No contexto da polémica sobre declarações racistas na Assembleia da República e os limites da liberdade de expressão, a ex-deputada do Livre refuta no X/Twitter a ideia de que "racismo é crime" em Portugal, lembrando as suas iniciativas no sentido de melhorar a lei "para fazer face ao racismo, discursos de ódio e xenofobia".
© Agência Lusa / Miguel A. Lopes

“Parem de dizer que racismo é crime – partidos, associações e pessoas – porque não o é em Portugal. E ninguém tentou, para além de mim, que o fosse”, escreveu Joacine Katar Moreira, ex-deputada do Livre, num tweet partilhado no dia 19 de maio.

Esta intervenção de Katar Moreira surge num contexto em que se discute a atuação do Presidente da Assembleia da República, José Pedro Aguiar-Branco, que assumiu no dia 17 de maio que, no seu entender, um deputado “pode” dizer que determinada etnia ou “raça” é mais “preguiçosa, ou mais burra” do que outra.

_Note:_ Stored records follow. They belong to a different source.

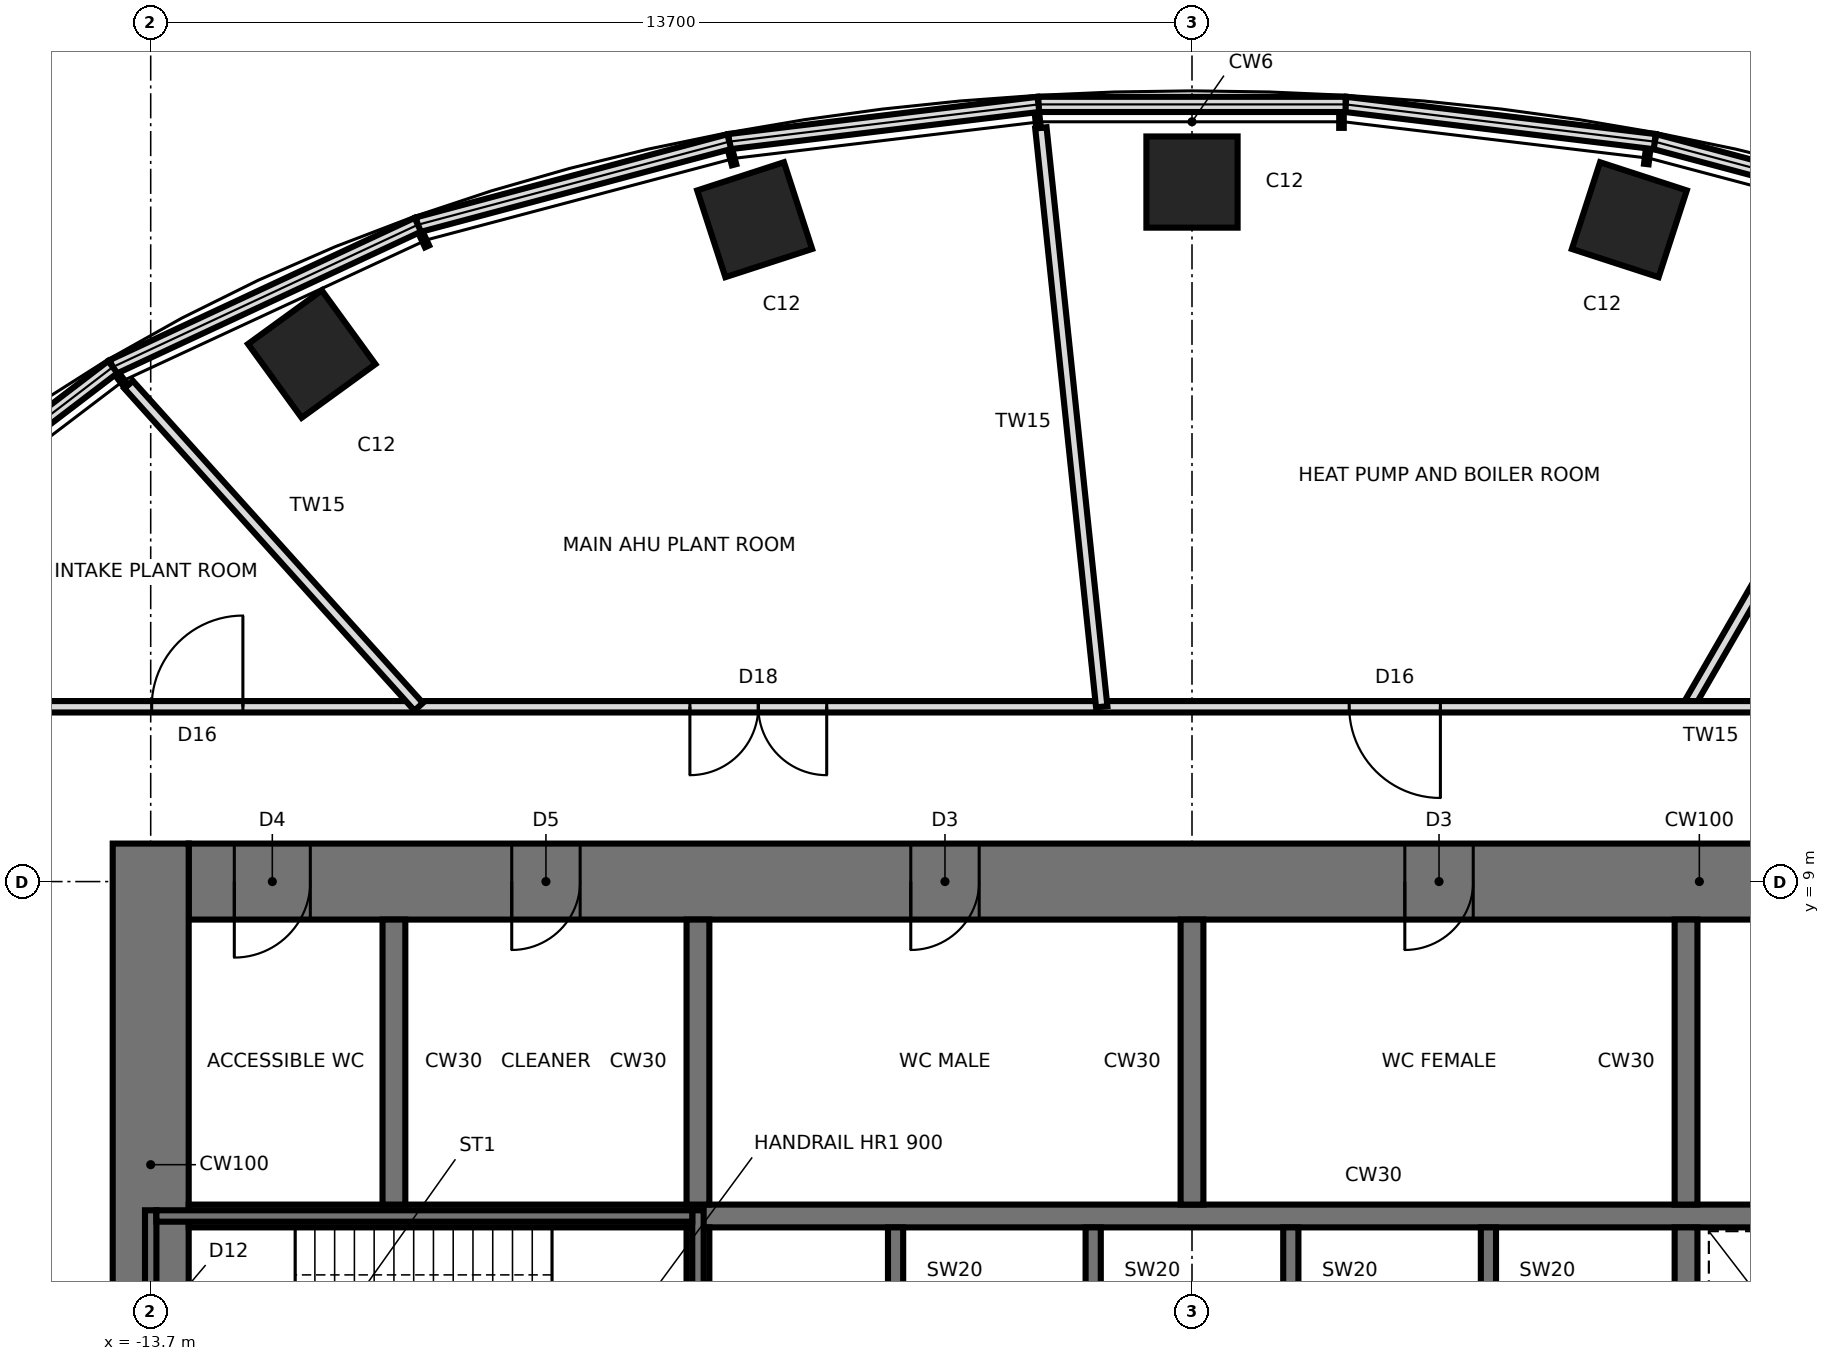
"""IFC4 building model, lengths in metres.
Left out: names, types, materials, properties, quantities, classifications, styles, units other than length and angle.
Written with IfcOpenShell. Run it as: python <this file> out.ifc"""

import sys

from ifc_helpers import new_model, si_unit, direction, frame, frame_2d, origin, origin_2d, place, context, subcontext, project, spatial, rectangle, extrude, element, fill, save


model = new_model("IFC4")
c1 = context("Model", 3, precision=1e-05, world=origin(), true_north=direction((0.0, 1.0)))
c2 = subcontext(c1, "Body", "Model", "MODEL_VIEW")
j1 = project(units=[si_unit("LENGTHUNIT", "METRE"), si_unit("PLANEANGLEUNIT", "RADIAN")], contexts=[c1])
p1 = place(None, origin())
s1 = spatial("IfcSite", under=j1, at=p1, CompositionType="ELEMENT")
p2 = place(p1, origin())
s2 = spatial("IfcBuilding", under=s1, at=p2, CompositionType="ELEMENT")
p3 = place(p2, frame((0.0, 0.0, 277.0)))
s3 = spatial("IfcBuildingStorey", under=s2, at=p3, CompositionType="ELEMENT", Elevation=277.0)
for number, where, z_axis, x_axis in (
    (1, (5.754, 17.708, 0.0), (0.0, 0.0, 1.0), (0.309, 0.951, 0.0)),
    (2, (0.0, 18.204, 0.0), (0.0, 0.0, 1.0), (0.0, 1.0, 0.0)),
    (3, (-5.754, 17.708, 0.0), (0.0, 0.0, 1.0), (-0.309, 0.951, 0.0)),
    (4, (-11.581, 15.94, 0.0), (0.0, 0.0, 1.0), (-0.588, 0.809, 0.0)),
):
    element("IfcColumn", number, at=place(p3, frame(where, z_axis=z_axis, x_axis=x_axis)), inside=s3, PredefinedType="COLUMN", context=c2, shape_type="SweptSolid", body=[
        extrude(rectangle(XDim=1.2, YDim=1.2, at=origin_2d()), origin(), (0.0, 0.0, 1.0), 5.0),
    ])
p4 = place(p3, frame((13.2, 9.0, 0.0), z_axis=(0.0, 0.0, 1.0), x_axis=(-1.0, 0.0, 0.0)))
e5 = element("IfcWall", 5, at=p4, inside=s3, PredefinedType="SHEAR", context=c2, shape_type="SweptSolid", body=[
    extrude(rectangle(XDim=26.4, YDim=1.0, at=frame_2d((13.2, 0.0))), origin(), (0.0, 0.0, 1.0), 5.0),
])
p5 = place(p4, frame((2.65, 0.0, 0.0)))
e6 = element("IfcOpeningElement", 6, at=p5, cuts=e5, PredefinedType="OPENING", context=c2, shape_type="SweptSolid", body=[
    extrude(rectangle(XDim=0.9, YDim=2.1, at=frame_2d((0.45, 1.05))), frame((0.0, 0.51, 0.0), z_axis=(0.0, -1.0, 0.0), x_axis=(1.0, 0.0, 0.0)), (0.0, 0.0, 1.0), 1.02),
])
p6 = place(p4, frame((9.5, 0.0, 0.0)))
e7 = element("IfcOpeningElement", 7, at=p6, cuts=e5, PredefinedType="OPENING", context=c2, shape_type="SweptSolid", body=[
    extrude(rectangle(XDim=0.9, YDim=2.1, at=frame_2d((0.45, 1.05))), frame((0.0, 0.51, 0.0), z_axis=(0.0, -1.0, 0.0), x_axis=(1.0, 0.0, 0.0)), (0.0, 0.0, 1.0), 1.02),
])
p7 = place(p4, frame((16.0, 0.0, 0.0)))
e8 = element("IfcOpeningElement", 8, at=p7, cuts=e5, PredefinedType="OPENING", context=c2, shape_type="SweptSolid", body=[
    extrude(rectangle(XDim=0.9, YDim=2.1, at=frame_2d((0.45, 1.05))), frame((0.0, 0.51, 0.0), z_axis=(0.0, -1.0, 0.0), x_axis=(1.0, 0.0, 0.0)), (0.0, 0.0, 1.0), 1.02),
])
p8 = place(p4, frame((21.25, 0.0, 0.0)))
e9 = element("IfcOpeningElement", 9, at=p8, cuts=e5, PredefinedType="OPENING", context=c2, shape_type="SweptSolid", body=[
    extrude(rectangle(XDim=0.9, YDim=2.1, at=frame_2d((0.45, 1.05))), frame((0.0, 0.51, 0.0), z_axis=(0.0, -1.0, 0.0), x_axis=(1.0, 0.0, 0.0)), (0.0, 0.0, 1.0), 1.02),
])
p9 = place(p4, frame((24.8, 0.0, 0.0)))
e10 = element("IfcOpeningElement", 10, at=p9, cuts=e5, PredefinedType="OPENING", context=c2, shape_type="SweptSolid", body=[
    extrude(rectangle(XDim=1.0, YDim=2.1, at=frame_2d((0.5, 1.05))), frame((0.0, 0.51, 0.0), z_axis=(0.0, -1.0, 0.0), x_axis=(1.0, 0.0, 0.0)), (0.0, 0.0, 1.0), 1.02),
])
p10 = place(p3, frame((-13.7, 9.5, 0.0), z_axis=(0.0, 0.0, 1.0), x_axis=(0.0, -1.0, 0.0)))
e11 = element("IfcWall", 11, at=p10, inside=s3, PredefinedType="SHEAR", context=c2, shape_type="SweptSolid", body=[
    extrude(rectangle(XDim=19.0, YDim=1.0, at=frame_2d((9.5, 0.0))), origin(), (0.0, 0.0, 1.0), 5.0),
])
p11 = place(p10, frame((8.6, 0.0, 0.0)))
e12 = element("IfcOpeningElement", 12, at=p11, cuts=e11, PredefinedType="OPENING", context=c2, shape_type="SweptSolid", body=[
    extrude(rectangle(XDim=1.8, YDim=2.4, at=frame_2d((0.9, 1.2))), frame((0.0, 0.51, 0.0), z_axis=(0.0, -1.0, 0.0), x_axis=(1.0, 0.0, 0.0)), (0.0, 0.0, 1.0), 1.02),
])
p12 = place(p3, frame((-13.2, 4.6, 0.0), z_axis=(0.0, 0.0, 1.0), x_axis=(1.0, 0.0, 0.0)))
e13 = element("IfcWall", 13, at=p12, inside=s3, PredefinedType="SHEAR", context=c2, shape_type="SweptSolid", body=[
    extrude(rectangle(XDim=26.4, YDim=0.3, at=frame_2d((13.2, 0.0))), origin(), (0.0, 0.0, 1.0), 5.0),
])
p13 = place(p3, frame((-6.5, 1.75, 0.0), z_axis=(0.0, 0.0, 1.0), x_axis=(0.0, 1.0, 0.0)))
e14 = element("IfcWall", 14, at=p13, inside=s3, PredefinedType="SHEAR", context=c2, shape_type="SweptSolid", body=[
    extrude(rectangle(XDim=2.7, YDim=0.3, at=frame_2d((1.35, 0.0))), origin(), (0.0, 0.0, 1.0), 5.0),
])
p14 = place(p3, frame((-6.5, 4.75, 0.0), z_axis=(0.0, 0.0, 1.0), x_axis=(0.0, 1.0, 0.0)))
e15 = element("IfcWall", 15, at=p14, inside=s3, PredefinedType="SHEAR", context=c2, shape_type="SweptSolid", body=[
    extrude(rectangle(XDim=3.75, YDim=0.3, at=frame_2d((1.875, 0.0))), origin(), (0.0, 0.0, 1.0), 5.0),
])
p15 = place(p3, frame((6.5, 1.75, 0.0), z_axis=(0.0, 0.0, 1.0), x_axis=(0.0, 1.0, 0.0)))
e16 = element("IfcWall", 16, at=p15, inside=s3, PredefinedType="SHEAR", context=c2, shape_type="SweptSolid", body=[
    extrude(rectangle(XDim=2.7, YDim=0.3, at=frame_2d((1.35, 0.0))), origin(), (0.0, 0.0, 1.0), 5.0),
])
p16 = place(p3, frame((6.5, 4.75, 0.0), z_axis=(0.0, 0.0, 1.0), x_axis=(0.0, 1.0, 0.0)))
e17 = element("IfcWall", 17, at=p16, inside=s3, PredefinedType="SHEAR", context=c2, shape_type="SweptSolid", body=[
    extrude(rectangle(XDim=3.75, YDim=0.3, at=frame_2d((1.875, 0.0))), origin(), (0.0, 0.0, 1.0), 5.0),
])
for number, where, z_axis, x_axis in (
    (18, (-3.9, 1.75, 0.0), (0.0, 0.0, 1.0), (0.0, 1.0, 0.0)),
    (19, (-1.3, 1.75, 0.0), (0.0, 0.0, 1.0), (0.0, 1.0, 0.0)),
    (20, (1.3, 1.75, 0.0), (0.0, 0.0, 1.0), (0.0, 1.0, 0.0)),
    (21, (3.9, 1.75, 0.0), (0.0, 0.0, 1.0), (0.0, 1.0, 0.0)),
):
    element("IfcWall", number, at=place(p3, frame(where, z_axis=z_axis, x_axis=x_axis)), inside=s3, PredefinedType="SHEAR", context=c2, shape_type="SweptSolid", body=[
        extrude(rectangle(XDim=2.7, YDim=0.2, at=frame_2d((1.35, 0.0))), origin(), (0.0, 0.0, 1.0), 5.0),
    ])
for number, where, z_axis, x_axis in (
    (22, (0.0, 4.75, 0.0), (0.0, 0.0, 1.0), (0.0, 1.0, 0.0)),
    (23, (-10.5, 4.75, 0.0), (0.0, 0.0, 1.0), (0.0, 1.0, 0.0)),
):
    element("IfcWall", number, at=place(p3, frame(where, z_axis=z_axis, x_axis=x_axis)), inside=s3, PredefinedType="SHEAR", context=c2, shape_type="SweptSolid", body=[
        extrude(rectangle(XDim=3.75, YDim=0.3, at=frame_2d((1.875, 0.0))), origin(), (0.0, 0.0, 1.0), 5.0),
    ])
p17 = place(p3, frame((10.186, 17.642, 5.0), z_axis=(0.0, 0.0, 1.0), x_axis=(-0.96617759257, 0.257877605881, 0.0)))
e24 = element("IfcWall", 24, at=p17, inside=s3, PredefinedType="PARAPET", context=c2, shape_type="SweptSolid", body=[
    extrude(rectangle(XDim=4.241, YDim=0.2, at=frame_2d((2.121, 0.0))), origin(), (0.0, 0.0, 1.0), 0.4),
])
p18 = place(p3, frame((6.088, 18.736, 5.0), z_axis=(0.0, 0.0, 1.0), x_axis=(-0.99282711648, 0.119558842338, 0.0)))
e25 = element("IfcWall", 25, at=p18, inside=s3, PredefinedType="PARAPET", context=c2, shape_type="SweptSolid", body=[
    extrude(rectangle(XDim=4.096, YDim=0.2, at=frame_2d((2.048, 0.0))), origin(), (0.0, 0.0, 1.0), 0.4),
])
p19 = place(p3, frame((2.021, 19.226, 5.0), z_axis=(0.0, 0.0, 1.0), x_axis=(-1.0, 0.0, 0.0)))
e26 = element("IfcWall", 26, at=p19, inside=s3, PredefinedType="PARAPET", context=c2, shape_type="SweptSolid", body=[
    extrude(rectangle(XDim=4.042, YDim=0.2, at=frame_2d((2.021, 0.0))), origin(), (0.0, 0.0, 1.0), 0.4),
])
p20 = place(p3, frame((-2.021, 19.226, 5.0), z_axis=(0.0, 0.0, 1.0), x_axis=(-0.99282711648, -0.119558842338, 0.0)))
e27 = element("IfcWall", 27, at=p20, inside=s3, PredefinedType="PARAPET", context=c2, shape_type="SweptSolid", body=[
    extrude(rectangle(XDim=4.096, YDim=0.2, at=frame_2d((2.048, 0.0))), origin(), (0.0, 0.0, 1.0), 0.4),
])
p21 = place(p3, frame((-6.088, 18.736, 5.0), z_axis=(0.0, 0.0, 1.0), x_axis=(-0.96617759257, -0.257877605881, 0.0)))
e28 = element("IfcWall", 28, at=p21, inside=s3, PredefinedType="PARAPET", context=c2, shape_type="SweptSolid", body=[
    extrude(rectangle(XDim=4.241, YDim=0.2, at=frame_2d((2.121, 0.0))), origin(), (0.0, 0.0, 1.0), 0.4),
])
p22 = place(p3, frame((-10.186, 17.642, 5.0), z_axis=(0.0, 0.0, 1.0), x_axis=(-0.906246502857, -0.422749661217, 0.0)))
e29 = element("IfcWall", 29, at=p22, inside=s3, PredefinedType="PARAPET", context=c2, shape_type="SweptSolid", body=[
    extrude(rectangle(XDim=4.429, YDim=0.2, at=frame_2d((2.214, 0.0))), origin(), (0.0, 0.0, 1.0), 0.4),
])
p23 = place(p3, frame((-14.199, 15.77, 5.0), z_axis=(0.0, 0.0, 1.0), x_axis=(-0.794855686591, -0.606798514743, 0.0)))
e30 = element("IfcWall", 30, at=p23, inside=s3, PredefinedType="PARAPET", context=c2, shape_type="SweptSolid", body=[
    extrude(rectangle(XDim=4.605, YDim=0.2, at=frame_2d((2.302, 0.0))), origin(), (0.0, 0.0, 1.0), 0.4),
])
p24 = place(p3, frame((6.524, 11.3, 0.0), z_axis=(0.0, 0.0, 1.0), x_axis=(0.4999806097, 0.86603659849, 0.0)))
e31 = element("IfcWall", 31, at=p24, inside=s3, PredefinedType="PARTITIONING", context=c2, shape_type="SweptSolid", body=[
    extrude(rectangle(XDim=7.013, YDim=0.15, at=frame_2d((3.506, 0.0))), origin(), (0.0, 0.0, 1.0), 4.75),
])
p25 = place(p3, frame((16.0, 11.3, 0.0), z_axis=(0.0, 0.0, 1.0), x_axis=(-1.0, 0.0, 0.0)))
e32 = element("IfcWall", 32, at=p25, inside=s3, PredefinedType="PARTITIONING", context=c2, shape_type="SweptSolid", body=[
    extrude(rectangle(XDim=32.0, YDim=0.15, at=frame_2d((16.0, 0.0))), origin(), (0.0, 0.0, 1.0), 4.75),
])
p26 = place(p25, frame((3.813, 0.0, 0.0)))
e33 = element("IfcOpeningElement", 33, at=p26, cuts=e32, PredefinedType="OPENING", context=c2, shape_type="SweptSolid", body=[
    extrude(rectangle(XDim=1.8, YDim=2.4, at=frame_2d((0.9, 1.2))), frame((0.0, 0.085, 0.0), z_axis=(0.0, -1.0, 0.0), x_axis=(1.0, 0.0, 0.0)), (0.0, 0.0, 1.0), 0.17),
])
p27 = place(p25, frame((12.732, 0.0, 0.0)))
e34 = element("IfcOpeningElement", 34, at=p27, cuts=e32, PredefinedType="OPENING", context=c2, shape_type="SweptSolid", body=[
    extrude(rectangle(XDim=1.2, YDim=2.1, at=frame_2d((0.6, 1.05))), frame((0.0, 0.085, 0.0), z_axis=(0.0, -1.0, 0.0), x_axis=(1.0, 0.0, 0.0)), (0.0, 0.0, 1.0), 0.17),
])
p28 = place(p25, frame((20.806, 0.0, 0.0)))
e35 = element("IfcOpeningElement", 35, at=p28, cuts=e32, PredefinedType="OPENING", context=c2, shape_type="SweptSolid", body=[
    extrude(rectangle(XDim=1.8, YDim=2.4, at=frame_2d((0.9, 1.2))), frame((0.0, 0.085, 0.0), z_axis=(0.0, -1.0, 0.0), x_axis=(1.0, 0.0, 0.0)), (0.0, 0.0, 1.0), 0.17),
])
p29 = place(p25, frame((28.487, 0.0, 0.0)))
e36 = element("IfcOpeningElement", 36, at=p29, cuts=e32, PredefinedType="OPENING", context=c2, shape_type="SweptSolid", body=[
    extrude(rectangle(XDim=1.2, YDim=2.1, at=frame_2d((0.6, 1.05))), frame((0.0, 0.085, 0.0), z_axis=(0.0, -1.0, 0.0), x_axis=(1.0, 0.0, 0.0)), (0.0, 0.0, 1.0), 0.17),
])
p30 = place(p3, frame((-1.188, 11.3, 0.0), z_axis=(0.0, 0.0, 1.0), x_axis=(-0.10451720061, 0.994523079057, 0.0)))
e37 = element("IfcWall", 37, at=p30, inside=s3, PredefinedType="PARTITIONING", context=c2, shape_type="SweptSolid", body=[
    extrude(rectangle(XDim=7.659, YDim=0.15, at=frame_2d((3.83, 0.0))), origin(), (0.0, 0.0, 1.0), 4.75),
])
p31 = place(p3, frame((-10.175, 11.3, 0.0), z_axis=(0.0, 0.0, 1.0), x_axis=(-0.669139686494, 0.743136649586, 0.0)))
e38 = element("IfcWall", 38, at=p31, inside=s3, PredefinedType="PARTITIONING", context=c2, shape_type="SweptSolid", body=[
    extrude(rectangle(XDim=5.705, YDim=0.15, at=frame_2d((2.852, 0.0))), origin(), (0.0, 0.0, 1.0), 4.75),
])
p32 = place(p3, frame((-13.7, 1.525, 5.0), z_axis=(0.0, 0.0, 1.0), x_axis=(0.0, 1.0, 0.0)))
e39 = element("IfcWall", 39, at=p32, inside=s3, PredefinedType="SOLIDWALL", context=c2, shape_type="SweptSolid", body=[
    extrude(rectangle(XDim=3.15, YDim=0.15, at=frame_2d((1.575, 0.0))), origin(), (0.0, 0.0, 1.0), 2.82),
])
p33 = place(p32, frame((0.975, 0.0, 0.0)))
e40 = element("IfcOpeningElement", 40, at=p33, cuts=e39, PredefinedType="OPENING", context=c2, shape_type="SweptSolid", body=[
    extrude(rectangle(XDim=1.2, YDim=2.1, at=frame_2d((0.6, 1.05))), frame((0.0, 0.085, 0.0), z_axis=(0.0, -1.0, 0.0), x_axis=(1.0, 0.0, 0.0)), (0.0, 0.0, 1.0), 0.17),
])
p34 = place(p3, frame((-6.5, 1.525, 5.0), z_axis=(0.0, 0.0, 1.0), x_axis=(0.0, 1.0, 0.0)))
e41 = element("IfcWall", 41, at=p34, inside=s3, PredefinedType="SOLIDWALL", context=c2, shape_type="SweptSolid", body=[
    extrude(rectangle(XDim=3.15, YDim=0.15, at=frame_2d((1.575, 0.0))), origin(), (0.0, 0.0, 1.0), 2.82),
])
p35 = place(p3, frame((-13.625, 4.6, 5.0), z_axis=(0.0, 0.0, 1.0), x_axis=(1.0, 0.0, 0.0)))
e42 = element("IfcWall", 42, at=p35, inside=s3, PredefinedType="SOLIDWALL", context=c2, shape_type="SweptSolid", body=[
    extrude(rectangle(XDim=7.05, YDim=0.15, at=frame_2d((3.525, 0.0))), origin(), (0.0, 0.0, 1.0), 2.82),
])
p36 = place(p6, origin())
e43 = element("IfcDoor", 43, at=p36, inside=s3, OperationType="SINGLE_SWING_RIGHT", PredefinedType="DOOR", context=c2, shape_type="SweptSolid", body=[
    extrude(rectangle(XDim=0.82, YDim=2.06, at=frame_2d((0.45, 1.03))), frame((0.0, 0.025, 0.0), z_axis=(0.0, -1.0, 0.0), x_axis=(1.0, 0.0, 0.0)), (0.0, 0.0, 1.0), 0.05),
    extrude(rectangle(XDim=0.04, YDim=2.1, at=frame_2d((0.02, 1.05))), frame((0.0, 0.25, 0.0), z_axis=(0.0, -1.0, 0.0), x_axis=(1.0, 0.0, 0.0)), (0.0, 0.0, 1.0), 0.5),
    extrude(rectangle(XDim=0.04, YDim=2.1, at=frame_2d((0.88, 1.05))), frame((0.0, 0.25, 0.0), z_axis=(0.0, -1.0, 0.0), x_axis=(1.0, 0.0, 0.0)), (0.0, 0.0, 1.0), 0.5),
    extrude(rectangle(XDim=0.82, YDim=0.04, at=frame_2d((0.45, 2.08))), frame((0.0, 0.25, 0.0), z_axis=(0.0, -1.0, 0.0), x_axis=(1.0, 0.0, 0.0)), (0.0, 0.0, 1.0), 0.5),
])
fill(e7, e43)
p37 = place(p7, origin())
e44 = element("IfcDoor", 44, at=p37, inside=s3, OperationType="SINGLE_SWING_RIGHT", PredefinedType="DOOR", context=c2, shape_type="SweptSolid", body=[
    extrude(rectangle(XDim=0.82, YDim=2.06, at=frame_2d((0.45, 1.03))), frame((0.0, 0.025, 0.0), z_axis=(0.0, -1.0, 0.0), x_axis=(1.0, 0.0, 0.0)), (0.0, 0.0, 1.0), 0.05),
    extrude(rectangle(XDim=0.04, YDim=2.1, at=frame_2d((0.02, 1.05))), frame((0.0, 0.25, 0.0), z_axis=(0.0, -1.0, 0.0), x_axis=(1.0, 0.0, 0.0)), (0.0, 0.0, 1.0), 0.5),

Perante a discussão nas redes sociais, a antiga deputada recordou “as iniciativas apresentadas no sentido de melhorar a lei para fazer face ao racismo, discursos de ódio e xenofobia” quando esteve no Parlamento, salientando que algumas “foram aprovadas, mas as mais importantes não foram votadas e podem ser recuperadas”.

Katar Moreira tem razão ao dizer que “racismo não é crime” em Portugal?

O fenómeno do racismo está enquadrado no Artigo 240.º do Código Penal relativo à “discriminação e incitamento ao ódio e à violência”. Incorre neste tipo de ilicitude quem “fundar ou constituir organização ou desenvolver atividades de propaganda que incitem ou encorajem à discriminação, ao ódio ou à violência contra pessoa ou grupo de pessoas” ou quem “provocar atos de violência contra pessoa ou grupo de pessoas” em razão da “origem étnico-racial, origem nacional ou religiosa, cor, nacionalidade, ascendência, território de origem, religião, língua, sexo, orientação sexual, identidade ou expressão de género ou características sexuais, deficiência física ou psíquica”.

Quem “difamar ou injuriar”, “ameaçar” ou “incitar à discriminação, ao ódio ou à violência” por razão discriminatória, também está enquadrado neste tipo de ilícito.

No entanto, “alguém discriminar outrem em geral por causa da raça” não é crime, mas sim um “ilícito não criminal”, explica ao Polígrafo o advogado Paulo Saragoça da Matta, especializado em Direito Penal. “O racismo não é crime, é um ilícito civil, laboral ou administrativo, mas não é um ilícito criminal“, sublinha.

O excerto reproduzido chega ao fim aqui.